Я, разумеется, использую это в своих интересах, чтобы отыс­кать среди работающих Эриха. Он работает в паре с Альбертом В., парнем атлетического телосложения из Гессена.

- Помочь вам обрубать ветки? — спрашиваю я.

- Обрубай, если хочешь.

Особого дружелюбия в этом ответе не слышно. Да и зачем ну­жен им в их сработавшейся команде какой-то пугающийся под ногами посторонний?

- Как вы думаете, что случилось с нашим продовольствием? — начинаю я разговор. Я знаю, что это сейчас для всех животрепе­щущая тема. Кого бы не взволновала, будь он на нашем месте, опустевшая в последние дни кормушка? Мои собеседники реагиру­ют так, как будто речь идет о каком-то несущественном пустяке.

- Чего волноваться? — откликается Альберт.— Иван знает, что нам положено.

- Мы ведь тут от всего мира отгорожены! А если грузовик с продуктами так и не приедет?! — возражаю я.

- Ну, так сразу уж не каждый заблудится! — усмехается Эрих.

- Это уже шпилька по моему адресу, намек на мой неудавшийся побег. Я тогда и всем моим товарищам говорил, что заблудился и потерял дорогу.

- Вы думаете, Эмиль Т., наш сбежавший и якобы пойманный эсэсовец, тоже заблудился? — поворачиваю я разговор в нужном мне направлении.

- Этот никогда не заблудится! И то, что его поймали, тоже бабушкины сказки,— выражает свое мнение Эрих.

- Может быть, и сказки,— гну я свое,— но шансов добраться отсюда на Запад совсем мало.

- Ну, уж ему как эсэсовцу пришлось на этот риск пойти. Надеюсь, что и до дома добраться ему удалось.

Особенность работы такова, что разговоры наши никто не мо­жет услышать, поскольку никто не рискнет подойти ближе чем на расстояние, равное длине падающего дерева, да еще с запасом. Не­давно один из наших товарищей, нарушивший это правило, был придавлен вершиной упавшей сосны. Спасти его не удалось. Тем не менее я на всякий случай время от времени поглядываю по сторо­нам. Альберт и Эрих тоже соблюдают осторожность, потому что лучше, если никто не услышит, о чем мы говорим. Малейшее по­дозрение на планирование побега чревато отправкой в далекие ази­атские лагеря. А у нас есть основания предполагать, что среди тех, кто нас окружает, есть и продавшиеся русским стукачи.
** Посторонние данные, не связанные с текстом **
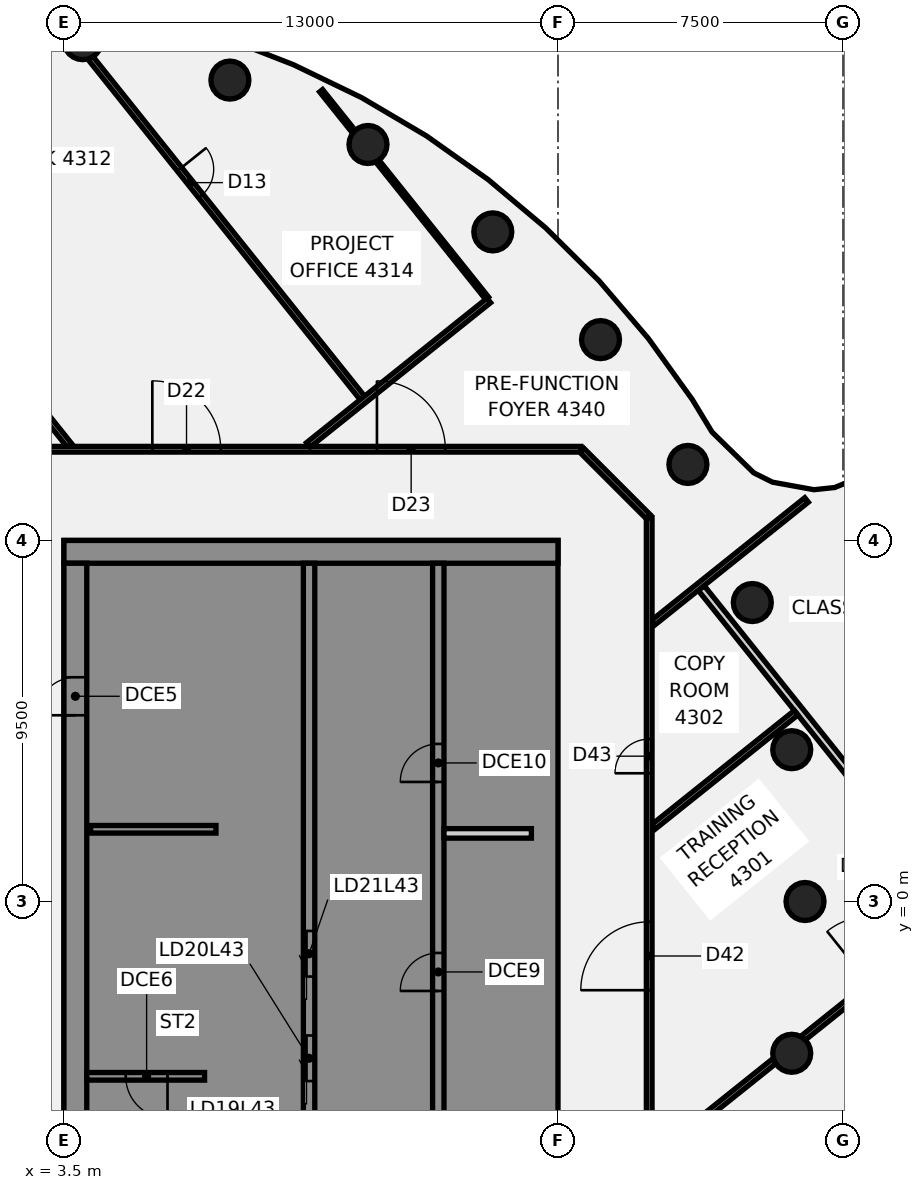
"""IFC4 building model, lengths in metres.
Left out: names, types, materials, properties, quantities, classifications, styles, units other than length and angle.
Written with IfcOpenShell. Run it as: python <this file> out.ifc"""

import sys

from ifc_helpers import new_model, si_unit, direction, frame, frame_2d, origin, origin_2d, place, context, subcontext, project, spatial, polyline, rectangle, circle, outline, extrude, element, fill, save


model = new_model("IFC4")
c1 = context("Model", 3, precision=1e-05, world=origin(), true_north=direction((0.0, 1.0)))
c2 = subcontext(c1, "Body", "Model", "MODEL_VIEW")
j1 = project(units=[si_unit("LENGTHUNIT", "METRE"), si_unit("PLANEANGLEUNIT", "RADIAN")], contexts=[c1])
p1 = place(None, origin())
s1 = spatial("IfcSite", under=j1, at=p1, CompositionType="ELEMENT")
p2 = place(p1, origin())
s2 = spatial("IfcBuilding", under=s1, at=p2, CompositionType="ELEMENT")
p3 = place(p2, frame((0.0, 0.0, 174.25)))
s3 = spatial("IfcBuildingStorey", under=s2, at=p3, CompositionType="ELEMENT", Elevation=174.25)
for number, where, z_axis, x_axis in (
    (1, (23.0, 0.0, -0.14), (0.0, 0.0, 1.0), (1.0, 0.0, 0.0)),
    (2, (22.651, 3.994, -0.14), (0.0, 0.0, 1.0), (1.0, 0.0, 0.0)),
    (3, (21.613, 7.866, -0.14), (0.0, 0.0, 1.0), (1.0, 0.0, 0.0)),
    (4, (19.919, 11.5, -0.14), (0.0, 0.0, 1.0), (1.0, 0.0, 0.0)),
    (5, (17.619, 14.784, -0.14), (0.0, 0.0, 1.0), (1.0, 0.0, 0.0)),
    (6, (14.784, 17.619, -0.14), (0.0, 0.0, 1.0), (1.0, 0.0, 0.0)),
    (7, (11.5, 19.919, -0.14), (0.0, 0.0, 1.0), (1.0, 0.0, 0.0)),
    (8, (7.866, 21.613, -0.14), (0.0, 0.0, 1.0), (1.0, 0.0, 0.0)),
    (9, (3.994, 22.651, -0.14), (0.0, 0.0, 1.0), (1.0, 0.0, 0.0)),
    (10, (22.651, -3.994, -0.14), (0.0, 0.0, 1.0), (1.0, 0.0, 0.0)),
):
    element("IfcColumn", number, at=place(p3, frame(where, z_axis=z_axis, x_axis=x_axis)), inside=s3, PredefinedType="COLUMN", context=c2, shape_type="SweptSolid", body=[
        extrude(circle(Radius=0.5, at=origin_2d()), origin(), (0.0, 0.0, 1.0), 3.71),
    ])
p4 = place(p3, frame((-3.479, 20.906, 0.0), z_axis=(0.0, 0.0, 1.0), x_axis=(0.624627130609, -0.780923138155, 0.0)))
e11 = element("IfcWall", 11, at=p4, inside=s3, PredefinedType="PARTITIONING", context=c2, shape_type="SweptSolid", body=[
    extrude(rectangle(XDim=11.398, YDim=0.15, at=frame_2d((5.699, 0.0))), origin(), (0.0, 0.0, 1.0), 2.97),
])
p5 = place(p4, frame((6.82, 0.0, 0.0)))
e12 = element("IfcOpeningElement", 12, at=p5, cuts=e11, PredefinedType="OPENING", context=c2, shape_type="SweptSolid", body=[
    extrude(rectangle(XDim=0.9, YDim=2.1, at=frame_2d((0.45, 1.05))), frame((0.0, 0.085, 0.0), z_axis=(0.0, -1.0, 0.0), x_axis=(1.0, 0.0, 0.0)), (0.0, 0.0, 1.0), 0.17),
])
p6 = place(p3, frame((4.037, 22.396, 0.0), z_axis=(0.0, 0.0, 1.0), x_axis=(0.624628926241, -0.780921701903, 0.0)))
e13 = element("IfcWall", 13, at=p6, inside=s3, PredefinedType="PARTITIONING", context=c2, shape_type="SweptSolid", body=[
    extrude(rectangle(XDim=11.708, YDim=0.15, at=frame_2d((5.854, 0.0))), origin(), (0.0, 0.0, 1.0), 2.97),
])
p7 = place(p6, frame((4.007, 0.0, 0.0)))
e14 = element("IfcOpeningElement", 14, at=p7, cuts=e13, PredefinedType="OPENING", context=c2, shape_type="SweptSolid", body=[
    extrude(rectangle(XDim=0.9, YDim=2.1, at=frame_2d((0.45, 1.05))), frame((0.0, 0.085, 0.0), z_axis=(0.0, -1.0, 0.0), x_axis=(1.0, 0.0, 0.0)), (0.0, 0.0, 1.0), 0.17),
])
p8 = place(p3, frame((10.266, 21.333, 0.0), z_axis=(0.0, 0.0, 1.0), x_axis=(0.62463072699, -0.780920261551, 0.0)))
e15 = element("IfcWall", 15, at=p8, inside=s3, PredefinedType="PARTITIONING", context=c2, shape_type="SweptSolid", body=[
    extrude(rectangle(XDim=1.389, YDim=0.1, at=frame_2d((0.694, 0.0))), origin(), (0.0, 0.0, 1.0), 2.97),
])
p9 = place(p3, frame((11.752, 19.476, 0.0), z_axis=(0.0, 0.0, 1.0), x_axis=(0.624636960835, -0.780915275276, 0.0)))
e16 = element("IfcWall", 16, at=p9, inside=s3, PredefinedType="PARTITIONING", context=c2, shape_type="SweptSolid", body=[
    extrude(rectangle(XDim=4.613, YDim=0.1, at=frame_2d((2.307, 0.0))), origin(), (0.0, 0.0, 1.0), 2.97),
])
p10 = place(p3, frame((20.27, 8.247, 0.0), z_axis=(0.0, 0.0, 1.0), x_axis=(0.624684578179, -0.780877184828, 0.0)))
e17 = element("IfcWall", 17, at=p10, inside=s3, PredefinedType="PARTITIONING", context=c2, shape_type="SweptSolid", body=[
    extrude(rectangle(XDim=14.219, YDim=0.2, at=frame_2d((7.11, 0.0))), origin(), (0.0, 0.0, 1.0), 2.87),
])
p11 = place(p10, frame((6.92, 0.0, 0.0)))
e18 = element("IfcOpeningElement", 18, at=p11, cuts=e17, PredefinedType="OPENING", context=c2, shape_type="SweptSolid", body=[
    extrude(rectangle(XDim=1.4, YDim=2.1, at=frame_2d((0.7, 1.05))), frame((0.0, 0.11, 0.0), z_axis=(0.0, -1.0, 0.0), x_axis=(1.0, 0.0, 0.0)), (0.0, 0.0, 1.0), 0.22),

- Как вы думаете, в какую сторону он подался: через Слова­кию и Чехию, через Венгрию или, может, через Восточную Прус­сию? — продолжаю я разговор в соответствии с моим замыслом.

- Конечно, через Чехию! — уверенно говорит Альберт.— Это ведь самый короткий путь.

- Ну, я бы выбрал другой маршрут,— возражаю я.

- И какой же? — возбужденно шепчет Эрих.

- Через Восточную Пруссию.

- Через Восточную Пруссию? — в голосе Альберта звучит не­доумение.— Зачем такой огромный крюк?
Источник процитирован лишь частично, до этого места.